There is more, obviously.  But not a lot more.   My view is that any examination of the historical Jesus does indeed need to take these data seriously.  But I have three things to say initially about such data, and here again I need to ask you to be patient with me.  What I am going to say now is the overarching summary of what I want to explain in subsequent posts.  Until you see my explanations, I do not expect you to be convinced!  I’m simply now telling you what I am going to try to demonstrate in what is to come.   So, the three points I want to make about such data:

  1. A number of these data do not in fact show that Jesus believed in a violent opposition to the Roman occupying forces.
    1. The predictions of the destruction of the Temple are not predictions of the destruction of the Roman armies.  They are directed against the Jewish hierarchy, not the Romans.  (And I will argue that Jesus did not think that the Temple was going to be destroyed by human force – e.g., by the army he would raise)
    2. The execution of Jesus was not for being an insurgent.  It was for calling himself the future King.  That’s different, very different indeed, and the difference will become clear in a later post.
  2. Such data can be explained better by appealing to another way of understanding Jesus, one that has been the dominant view over the course of the past century, that Jesus, rather than wanting a political revolution against Rome, was principally an apocalyptic preacher who thought that *God* (not Jesus and his followers, or an army he would lead into battle) was soon to overthrow the forces of evil (the Romans and their supporters among the Jewish aristocracy) in  a divine act of judgment.
  3. The data that do seem to support the idea of Jesus as a political revolutionary are very, very few and far between.   They do not comprise the majority, or even a significant minority, of the data we can establish as going back to the historical Jesus.
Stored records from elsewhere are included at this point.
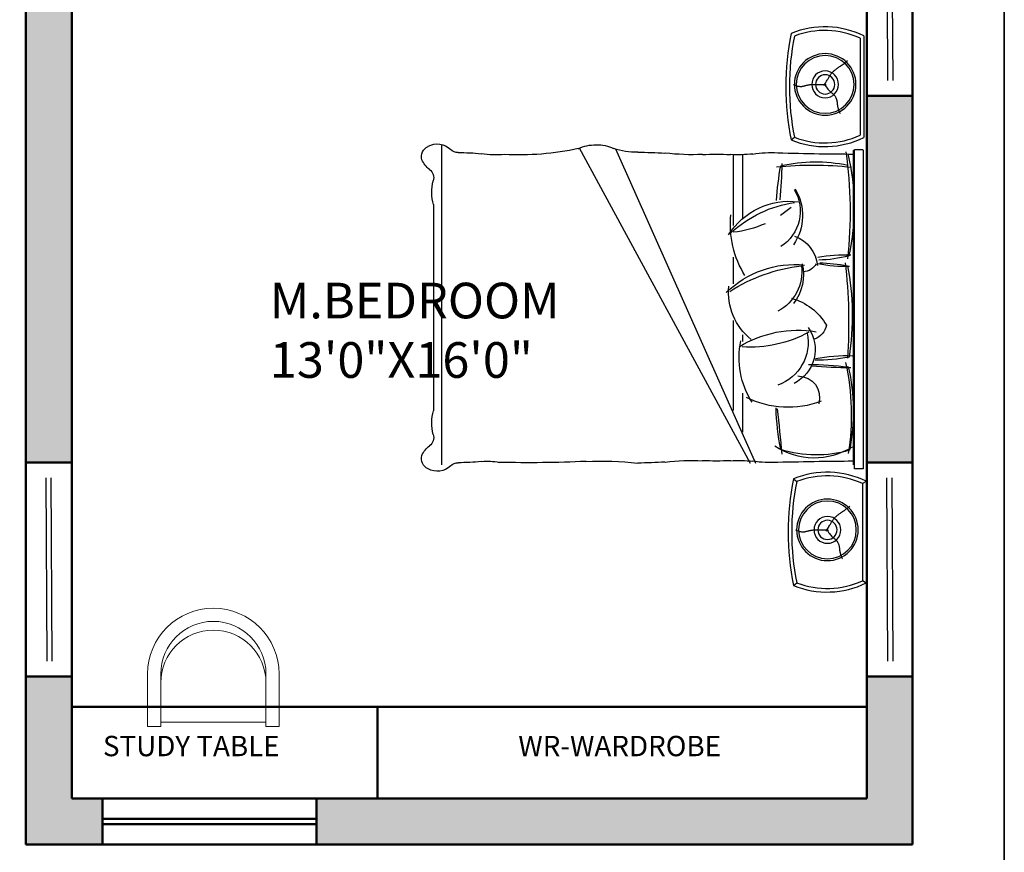
# Model space of a CAD drawing. Units: inches. Extents: x 1986 to 21484, y -1816 to 2016.
# Tile 3 of 85: x 2209 to 2402, y 1113 to 1277. Entities that reach past the tile are written whole.
import ezdxf

# ---------------------------------------------------------------- set-up
doc = ezdxf.new("R2010")
doc.units = ezdxf.units.IN
for name, color, linetype, lineweight in [('A-ANNO-TEXT', 7, 'Continuous', 18), ('A-AREA-IDEN', 3, 'Continuous', 18), ('A-FLOR-FIXT', 8, 'Continuous', 18), ('A-FURN', 8, 'Continuous', 18), ('A-GLAZ', 4, 'Continuous', 25), ('A-WALL', 7, 'Continuous', 50), ('A-WALL-PATT', 8, 'Continuous', 13), ('C-PROP', 7, 'Continuous', 35)]:
    doc.layers.add(name, color=color, linetype=linetype, lineweight=lineweight)
doc.layers.add('TEFRİŞ', color=11, linetype='Continuous')
doc.styles.get("Standard").update_dxf_attribs({"font": 'arial.ttf'})

# ---------------------------------------------------------------- blocks, each defined once
blk = doc.blocks.new('12PSTG07')
at = {"color": 0, "linetype": 'ByBlock'}
for p, q in [((0, 15), (-12, 15)), ((0, 12), (0, 15)), ((-12, 12), (0, 12)), ((-1, -12), (-1, 12)), ((-12, -12), (0, -12)), ((0, -12), (0, -15)), ((0, -15), (-12, -15))]:
    blk.add_line(p, q, dxfattribs=at)
for centre, radius in [((-12, 0), 15), ((-12, 0), 12), ((-10, 0), 12)]:
    blk.add_arc(centre, radius, 90, 270, dxfattribs=at)
blk = doc.blocks.new('BED')
at = {"layer": 'TEFRİŞ'}
for p, q in [((2114.88, 1835.66), (2129.12, 1835.66)), ((2130.81, 1834.34), (2130.81, 1835.55)), ((2130.91, 1835.55), (2175.56, 1835.55)), ((2175.56, 1835.55), (2175.56, 1834.34)), ((2177.29, 1835.98), (2177.61, 1835.47)), ((2177.29, 1835.98), (2191.52, 1835.98)), ((2177.61, 1835.47), (2191.2, 1835.47)), ((2191.2, 1835.47), (2191.52, 1835.98)), ((2115.2, 1835.15), (2128.8, 1835.15)), ((2175.56, 1834.34), (2130.81, 1834.34)), ((2175, 1834.19), (2130.91, 1834.19)), ((2118.49, 1833.2), (2118.34, 1833.38)), ((2118.49, 1833.2), (2118.34, 1833.38)), ((2118.63, 1833.03), (2118.49, 1833.2)), ((2118.63, 1833.03), (2118.49, 1833.2)), ((2118.75, 1832.88), (2118.63, 1833.03)), ((2118.75, 1832.88), (2118.63, 1833.03)), ((2118.86, 1832.74), (2118.75, 1832.88)), ((2118.86, 1832.74), (2118.75, 1832.88)), ((2118.95, 1832.61), (2118.86, 1832.74)), ((2118.95, 1832.61), (2118.86, 1832.74)), ((2119.04, 1832.48), (2118.95, 1832.61)), ((2119.04, 1832.48), (2118.95, 1832.61)), ((2180.9, 1833.52), (2180.75, 1833.7)), ((2180.9, 1833.52), (2180.75, 1833.7)), ((2181.04, 1833.35), (2180.9, 1833.52)), ((2181.04, 1833.35), (2180.9, 1833.52)), ((2181.16, 1833.2), (2181.04, 1833.35)), ((2181.16, 1833.2), (2181.04, 1833.35)), ((2181.26, 1833.06), (2181.16, 1833.2)), ((2181.26, 1833.06), (2181.16, 1833.2)), ((2181.36, 1832.93), (2181.26, 1833.06)), ((2181.36, 1832.93), (2181.26, 1833.06)), ((2181.44, 1832.8), (2181.36, 1832.93)), ((2181.44, 1832.8), (2181.36, 1832.93)), ((2181.52, 1832.69), (2181.44, 1832.8)), ((2181.52, 1832.69), (2181.44, 1832.8)), ((2181.59, 1832.58), (2181.52, 1832.69)), ((2181.59, 1832.58), (2181.52, 1832.69)), ((2181.66, 1832.48), (2181.59, 1832.58)), ((2181.66, 1832.48), (2181.59, 1832.58)), ((2187.83, 1832.49), (2187.92, 1832.53)), ((2187.83, 1832.49), (2187.92, 1832.53)), ((2187.92, 1832.53), (2188.01, 1832.57)), ((2187.92, 1832.53), (2188.01, 1832.57)), ((2188.01, 1832.57), (2188.09, 1832.62)), ((2188.01, 1832.57), (2188.09, 1832.62)), ((2188.09, 1832.62), (2188.15, 1832.67)), ((2188.09, 1832.62), (2188.15, 1832.67)), ((2119.12, 1832.37), (2119.04, 1832.48)), ((2119.12, 1832.37), (2119.04, 1832.48)), ((2119.19, 1832.26), (2119.12, 1832.37)), ((2119.19, 1832.26), (2119.12, 1832.37)), ((2119.26, 1832.16), (2119.19, 1832.26)), ((2119.26, 1832.16), (2119.19, 1832.26)), ((2119.32, 1832.06), (2119.26, 1832.16)), ((2119.32, 1832.06), (2119.26, 1832.16)), ((2119.39, 1831.97), (2119.32, 1832.06)), ((2119.39, 1831.97), (2119.32, 1832.06)), ((2119.45, 1831.89), (2119.39, 1831.97)), ((2119.45, 1831.89), (2119.39, 1831.97)), ((2119.51, 1831.81), (2119.45, 1831.89)), ((2119.51, 1831.81), (2119.45, 1831.89)), ((2119.57, 1831.73), (2119.51, 1831.81)), ((2119.57, 1831.73), (2119.51, 1831.81)), ((2119.63, 1831.65), (2119.57, 1831.73)), ((2119.63, 1831.65), (2119.57, 1831.73)), ((2119.69, 1831.58), (2119.63, 1831.65)), ((2119.69, 1831.58), (2119.63, 1831.65)), ((2119.75, 1831.51), (2119.69, 1831.58)), ((2119.75, 1831.51), (2119.69, 1831.58)), ((2119.81, 1831.44), (2119.75, 1831.51)), ((2119.81, 1831.44), (2119.75, 1831.51)), ((2119.87, 1831.38), (2119.81, 1831.44)), ((2119.87, 1831.38), (2119.81, 1831.44)), ((2119.93, 1831.31), (2119.87, 1831.38)), ((2119.93, 1831.31), (2119.87, 1831.38)), ((2119.99, 1831.25), (2119.93, 1831.31)), ((2119.99, 1831.25), (2119.93, 1831.31)), ((2120.05, 1831.2), (2119.99, 1831.25)), ((2120.05, 1831.2), (2119.99, 1831.25)), ((2120.12, 1831.14), (2120.05, 1831.2)), ((2120.12, 1831.14), (2120.05, 1831.2)), ((2120.18, 1831.09), (2120.12, 1831.14)), ((2120.18, 1831.09), (2120.12, 1831.14)), ((2122.8, 1831.09), (2122.87, 1831.18)), ((2122.8, 1831.09), (2122.87, 1831.18)), ((2122.87, 1831.18), (2122.94, 1831.26)), ((2122.87, 1831.18), (2122.94, 1831.26)), ((2122.94, 1831.26), (2123.01, 1831.33)), ((2122.94, 1831.26), (2123.01, 1831.33)), ((2123.01, 1831.33), (2123.08, 1831.4)), ((2123.01, 1831.33), (2123.08, 1831.4)), ((2123.08, 1831.4), (2123.14, 1831.46)), ((2123.08, 1831.4), (2123.14, 1831.46)), ((2123.14, 1831.46), (2123.21, 1831.52)), ((2123.14, 1831.46), (2123.21, 1831.52)), ((2123.21, 1831.52), (2123.27, 1831.58)), ((2123.21, 1831.52), (2123.27, 1831.58)), ((2123.27, 1831.58), (2123.34, 1831.63)), ((2123.27, 1831.58), (2123.34, 1831.63)), ((2123.34, 1831.63), (2123.41, 1831.67)), ((2123.34, 1831.63), (2123.41, 1831.67)), ((2123.41, 1831.67), (2123.48, 1831.71)), ((2123.41, 1831.67), (2123.48, 1831.71)), ((2123.48, 1831.71), (2123.55, 1831.74)), ((2123.48, 1831.71), (2123.55, 1831.74)), ((2123.55, 1831.74), (2123.62, 1831.77)), ((2123.55, 1831.74), (2123.62, 1831.77)), ((2123.62, 1831.77), (2123.69, 1831.8)), ((2123.62, 1831.77), (2123.69, 1831.8)), ((2123.69, 1831.8), (2123.77, 1831.82)), ((2123.69, 1831.8), (2123.77, 1831.82)), ((2123.77, 1831.82), (2123.84, 1831.84)), ((2123.77, 1831.82), (2123.84, 1831.84)), ((2123.84, 1831.84), (2123.91, 1831.86)), ((2123.84, 1831.84), (2123.91, 1831.86)), ((2123.91, 1831.86), (2123.98, 1831.87)), ((2123.91, 1831.86), (2123.98, 1831.87)), ((2123.98, 1831.87), (2124.06, 1831.89)), ((2123.98, 1831.87), (2124.06, 1831.89)), ((2124.06, 1831.89), (2124.13, 1831.9)), ((2124.06, 1831.89), (2124.13, 1831.9)), ((2124.13, 1831.9), (2124.2, 1831.91)), ((2124.13, 1831.9), (2124.2, 1831.91)), ((2124.2, 1831.91), (2124.27, 1831.91)), ((2124.2, 1831.91), (2124.27, 1831.91)), ((2124.27, 1831.91), (2124.35, 1831.92)), ((2124.27, 1831.91), (2124.35, 1831.92)), ((2124.35, 1831.92), (2124.42, 1831.93)), ((2124.35, 1831.92), (2124.42, 1831.93)), ((2124.42, 1831.93), (2124.49, 1831.94)), ((2124.42, 1831.93), (2124.49, 1831.94)), ((2124.49, 1831.94), (2124.56, 1831.95)), ((2124.49, 1831.94), (2124.56, 1831.95)), ((2124.56, 1831.95), (2124.64, 1831.96)), ((2124.56, 1831.95), (2124.64, 1831.96)), ((2124.64, 1831.96), (2124.71, 1831.98)), ((2124.64, 1831.96), (2124.71, 1831.98)), ((2124.71, 1831.98), (2124.79, 1831.99)), ((2124.71, 1831.98), (2124.79, 1831.99)), ((2124.79, 1831.99), (2124.87, 1832.01)), ((2124.79, 1831.99), (2124.87, 1832.01)), ((2124.87, 1832.01), (2124.96, 1832.03)), ((2124.87, 1832.01), (2124.96, 1832.03)), ((2124.96, 1832.03), (2125.05, 1832.05)), ((2124.96, 1832.03), (2125.05, 1832.05)), ((2125.05, 1832.05), (2125.14, 1832.08)), ((2125.05, 1832.05), (2125.14, 1832.08)), ((2125.14, 1832.08), (2125.23, 1832.11)), ((2125.14, 1832.08), (2125.23, 1832.11)), ((2125.23, 1832.11), (2125.33, 1832.14)), ((2125.23, 1832.11), (2125.33, 1832.14)), ((2125.33, 1832.14), (2125.42, 1832.17)), ((2125.33, 1832.14), (2125.42, 1832.17)), ((2125.42, 1832.17), (2125.52, 1832.21)), ((2125.42, 1832.17), (2125.52, 1832.21)), ((2125.52, 1832.21), (2125.6, 1832.25)), ((2125.52, 1832.21), (2125.6, 1832.25)), ((2125.6, 1832.25), (2125.68, 1832.3)), ((2125.6, 1832.25), (2125.68, 1832.3)), ((2125.68, 1832.3), (2125.75, 1832.35)), ((2125.68, 1832.3), (2125.75, 1832.35)), ((2181.73, 1832.38), (2181.66, 1832.48)), ((2181.73, 1832.38), (2181.66, 1832.48)), ((2181.79, 1832.29), (2181.73, 1832.38)), ((2181.79, 1832.29), (2181.73, 1832.38)), ((2181.85, 1832.21), (2181.79, 1832.29)), ((2181.85, 1832.21), (2181.79, 1832.29)), ((2181.92, 1832.13), (2181.85, 1832.21)), ((2181.92, 1832.13), (2181.85, 1832.21)), ((2181.97, 1832.05), (2181.92, 1832.13)), ((2181.97, 1832.05), (2181.92, 1832.13)), ((2182.03, 1831.97), (2181.97, 1832.05)), ((2182.03, 1831.97), (2181.97, 1832.05)), ((2182.09, 1831.9), (2182.03, 1831.97)), ((2182.09, 1831.9), (2182.03, 1831.97)), ((2182.15, 1831.83), (2182.09, 1831.9)), ((2182.15, 1831.83), (2182.09, 1831.9)), ((2182.21, 1831.76), (2182.15, 1831.83)), ((2182.21, 1831.76), (2182.15, 1831.83)), ((2182.27, 1831.7), (2182.21, 1831.76)), ((2182.27, 1831.7), (2182.21, 1831.76)), ((2182.33, 1831.63), (2182.27, 1831.7)), ((2182.33, 1831.63), (2182.27, 1831.7)), ((2182.4, 1831.57), (2182.33, 1831.63)), ((2182.4, 1831.57), (2182.33, 1831.63)), ((2182.46, 1831.52), (2182.4, 1831.57)), ((2182.46, 1831.52), (2182.4, 1831.57)), ((2182.52, 1831.46), (2182.46, 1831.52)), ((2182.52, 1831.46), (2182.46, 1831.52)), ((2182.59, 1831.41), (2182.52, 1831.46)), ((2182.59, 1831.41), (2182.52, 1831.46)), ((2182.66, 1831.36), (2182.59, 1831.41)), ((2182.66, 1831.36), (2182.59, 1831.41)), ((2182.73, 1831.31), (2182.66, 1831.36)), ((2182.73, 1831.31), (2182.66, 1831.36)), ((2182.8, 1831.26), (2182.73, 1831.31)), ((2182.8, 1831.26), (2182.73, 1831.31)), ((2182.87, 1831.22), (2182.8, 1831.26)), ((2182.87, 1831.22), (2182.8, 1831.26)), ((2182.95, 1831.17), (2182.87, 1831.22)), ((2182.95, 1831.17), (2182.87, 1831.22)), ((2183.03, 1831.12), (2182.95, 1831.17)), ((2183.03, 1831.12), (2182.95, 1831.17)), ((2184.85, 1831.04), (2184.95, 1831.14)), ((2184.85, 1831.04), (2184.95, 1831.14)), ((2184.95, 1831.14), (2185.05, 1831.23)), ((2184.95, 1831.14), (2185.05, 1831.23)), ((2185.05, 1831.23), (2185.13, 1831.33)), ((2185.05, 1831.23), (2185.13, 1831.33)), ((2185.13, 1831.33), (2185.21, 1831.41)), ((2185.13, 1831.33), (2185.21, 1831.41)), ((2185.21, 1831.41), (2185.28, 1831.5)), ((2185.21, 1831.41), (2185.28, 1831.5)), ((2185.28, 1831.5), (2185.35, 1831.58)), ((2185.28, 1831.5), (2185.35, 1831.58)), ((2185.35, 1831.58), (2185.42, 1831.65)), ((2185.35, 1831.58), (2185.42, 1831.65)), ((2185.42, 1831.65), (2185.48, 1831.72)), ((2185.42, 1831.65), (2185.48, 1831.72)), ((2185.48, 1831.72), (2185.55, 1831.78)), ((2185.48, 1831.72), (2185.55, 1831.78)), ((2185.55, 1831.78), (2185.61, 1831.84)), ((2185.55, 1831.78), (2185.61, 1831.84)), ((2185.61, 1831.84), (2185.68, 1831.9)), ((2185.61, 1831.84), (2185.68, 1831.9)), ((2185.68, 1831.9), (2185.75, 1831.95)), ((2185.68, 1831.9), (2185.75, 1831.95)), ((2185.75, 1831.95), (2185.82, 1831.99)), ((2185.75, 1831.95), (2185.82, 1831.99)), ((2185.82, 1831.99), (2185.89, 1832.03)), ((2185.82, 1831.99), (2185.89, 1832.03)), ((2185.89, 1832.03), (2185.96, 1832.06)), ((2185.89, 1832.03), (2185.96, 1832.06)), ((2185.96, 1832.06), (2186.03, 1832.09)), ((2185.96, 1832.06), (2186.03, 1832.09)), ((2186.03, 1832.09), (2186.1, 1832.12)), ((2186.03, 1832.09), (2186.1, 1832.12)), ((2186.1, 1832.12), (2186.17, 1832.14)), ((2186.1, 1832.12), (2186.17, 1832.14)), ((2186.17, 1832.14), (2186.24, 1832.16)), ((2186.17, 1832.14), (2186.24, 1832.16)), ((2186.24, 1832.16), (2186.32, 1832.18)), ((2186.24, 1832.16), (2186.32, 1832.18)), ((2186.32, 1832.18), (2186.39, 1832.19)), ((2186.32, 1832.18), (2186.39, 1832.19)), ((2186.39, 1832.19), (2186.46, 1832.21)), ((2186.39, 1832.19), (2186.46, 1832.21)), ((2186.46, 1832.21), (2186.53, 1832.22)), ((2186.46, 1832.21), (2186.53, 1832.22)), ((2186.53, 1832.22), (2186.61, 1832.23)), ((2186.53, 1832.22), (2186.61, 1832.23)), ((2186.61, 1832.23), (2186.68, 1832.23)), ((2186.61, 1832.23), (2186.68, 1832.23)), ((2186.68, 1832.23), (2186.75, 1832.24)), ((2186.68, 1832.23), (2186.75, 1832.24)), ((2186.75, 1832.24), (2186.82, 1832.25)), ((2186.75, 1832.24), (2186.82, 1832.25)), ((2186.82, 1832.25), (2186.9, 1832.26)), ((2186.82, 1832.25), (2186.9, 1832.26)), ((2186.9, 1832.26), (2186.97, 1832.27)), ((2186.9, 1832.26), (2186.97, 1832.27)), ((2186.97, 1832.27), (2187.04, 1832.28)), ((2186.97, 1832.27), (2187.04, 1832.28)), ((2187.04, 1832.28), (2187.12, 1832.3)), ((2187.04, 1832.28), (2187.12, 1832.3)), ((2187.12, 1832.3), (2187.2, 1832.31)), ((2187.12, 1832.3), (2187.2, 1832.31)), ((2187.2, 1832.31), (2187.28, 1832.33)), ((2187.2, 1832.31), (2187.28, 1832.33)), ((2187.28, 1832.33), (2187.36, 1832.35)), ((2187.28, 1832.33), (2187.36, 1832.35)), ((2187.36, 1832.35), (2187.45, 1832.37)), ((2187.36, 1832.35), (2187.45, 1832.37)), ((2187.45, 1832.37), (2187.54, 1832.4)), ((2187.45, 1832.37), (2187.54, 1832.4)), ((2187.54, 1832.4), (2187.64, 1832.43)), ((2187.54, 1832.4), (2187.64, 1832.43)), ((2187.64, 1832.43), (2187.74, 1832.46)), ((2187.64, 1832.43), (2187.74, 1832.46)), ((2187.74, 1832.46), (2187.83, 1832.49)), ((2187.74, 1832.46), (2187.83, 1832.49)), ((2120.25, 1831.04), (2120.18, 1831.09)), ((2120.25, 1831.04), (2120.18, 1831.09)), ((2120.32, 1830.99), (2120.25, 1831.04)), ((2120.32, 1830.99), (2120.25, 1831.04)), ((2120.39, 1830.94), (2120.32, 1830.99)), ((2120.39, 1830.94), (2120.32, 1830.99)), ((2120.47, 1830.9), (2120.39, 1830.94)), ((2120.47, 1830.9), (2120.39, 1830.94)), ((2120.54, 1830.85), (2120.47, 1830.9)), ((2120.54, 1830.85), (2120.47, 1830.9)), ((2120.62, 1830.8), (2120.54, 1830.85)), ((2120.62, 1830.8), (2120.54, 1830.85)), ((2120.7, 1830.75), (2120.62, 1830.8)), ((2120.7, 1830.75), (2120.62, 1830.8)), ((2120.79, 1830.7), (2120.7, 1830.75)), ((2120.79, 1830.7), (2120.7, 1830.75)), ((2120.88, 1830.65), (2120.79, 1830.7)), ((2120.88, 1830.65), (2120.79, 1830.7)), ((2120.98, 1830.59), (2120.88, 1830.65)), ((2120.98, 1830.59), (2120.88, 1830.65)), ((2121.09, 1830.52), (2120.98, 1830.59)), ((2121.09, 1830.52), (2120.98, 1830.59)), ((2121.21, 1830.45), (2121.09, 1830.52)), ((2121.21, 1830.45), (2121.09, 1830.52)), ((2121.34, 1830.38), (2121.21, 1830.45)), ((2121.34, 1830.38), (2121.21, 1830.45)), ((2121.49, 1830.29), (2121.34, 1830.38)), ((2121.49, 1830.29), (2121.34, 1830.38)), ((2121.66, 1830.21), (2121.49, 1830.29)), ((2121.66, 1830.21), (2121.49, 1830.29)), ((2121.66, 1830.18), (2121.87, 1830.29)), ((2121.66, 1830.18), (2121.87, 1830.29)), ((2121.85, 1830.11), (2121.66, 1830.21)), ((2121.85, 1830.11), (2121.66, 1830.21)), ((2121.74, 1829.99), (2121.73, 1829.83)), ((2121.74, 1829.99), (2121.73, 1829.83)), ((2121.73, 1829.83), (2121.73, 1829.69)), ((2121.73, 1829.83), (2121.73, 1829.69)), ((2121.76, 1830.38), (2121.74, 1830.17)), ((2121.76, 1830.38), (2121.74, 1830.17)), ((2121.74, 1830.17), (2121.74, 1829.99)), ((2121.74, 1830.17), (2121.74, 1829.99)), ((2121.87, 1830.29), (2122.04, 1830.4)), ((2121.87, 1830.29), (2122.04, 1830.4)), ((2122.04, 1830.4), (2122.2, 1830.51)), ((2122.04, 1830.4), (2122.2, 1830.51)), ((2122.2, 1830.51), (2122.33, 1830.61)), ((2122.2, 1830.51), (2122.33, 1830.61)), ((2122.33, 1830.61), (2122.45, 1830.72)), ((2122.33, 1830.61), (2122.45, 1830.72)), ((2122.45, 1830.72), (2122.55, 1830.82)), ((2122.45, 1830.72), (2122.55, 1830.82)), ((2122.55, 1830.82), (2122.64, 1830.91)), ((2122.55, 1830.82), (2122.64, 1830.91)), ((2122.64, 1830.91), (2122.72, 1831.01)), ((2122.64, 1830.91), (2122.72, 1831.01)), ((2122.72, 1831.01), (2122.8, 1831.09)), ((2122.72, 1831.01), (2122.8, 1831.09)), ((2183.11, 1831.07), (2183.03, 1831.12)), ((2183.11, 1831.07), (2183.03, 1831.12)), ((2183.2, 1831.02), (2183.11, 1831.07)), ((2183.2, 1831.02), (2183.11, 1831.07)), ((2183.29, 1830.97), (2183.2, 1831.02)), ((2183.29, 1830.97), (2183.2, 1831.02)), ((2183.39, 1830.91), (2183.29, 1830.97)), ((2183.39, 1830.91), (2183.29, 1830.97)), ((2183.49, 1830.84), (2183.39, 1830.91)), ((2183.49, 1830.84), (2183.39, 1830.91)), ((2183.61, 1830.77), (2183.49, 1830.84)), ((2183.61, 1830.77), (2183.49, 1830.84)), ((2183.75, 1830.7), (2183.61, 1830.77)), ((2183.75, 1830.7), (2183.61, 1830.77)), ((2183.9, 1830.61), (2183.75, 1830.7)), ((2183.9, 1830.61), (2183.75, 1830.7)), ((2184.06, 1830.53), (2183.9, 1830.61)), ((2184.06, 1830.53), (2183.9, 1830.61)), ((2184.25, 1830.43), (2184.06, 1830.53)), ((2184.25, 1830.43), (2184.06, 1830.53)), ((2184.07, 1830.5), (2184.27, 1830.61)), ((2184.07, 1830.5), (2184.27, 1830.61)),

Let me explain this final point.   Try to imagine the picture of the historical Jesus that emerges from a rigorously, historical, critical examination of our surviving sources as a large tapestry.  The individual threads make up the overall portrait.  There are a few threads here and there that appear out of place at first glance.   But you can’t take these few threads and claim that they represent the overall portrait of the tapestry.  The tapestry has to be understood as a whole, looking for the major features of its portrayal (and of course the stray threads need to be fit into it somehow).

How does one establish the overall portrait of the tapestry?  It has to be done carefully and methodically, by applying rigorous historical criteria to all of our traditions found in all of our sources and seeing which of these traditions can be pronounced as historically probable.   Aslan does not do that.  He does not tell us what criteria he is using (so that he cannot be critiqued for using wrong ones) and he does not tell us how he has applied them (so that he cannot be critiqued for misapplying them, or reaching errant conclusions when applying them).   What he appears to have done (it’s hard to say, since he never tells us) is to choose elements of the tradition that best fit the picture he wants to paint and then – lo and behold! – they do fit his picture, so that it looks like the picture has been constructed by the elements, when in fact the elements have been chosen by the already conceived picture.  That makes for gripping reading, but it does not make for compelling history.

Again, I do not mean for this to be an empty charge.  I want to show how it is true.  But that will have to wait for my next several posts.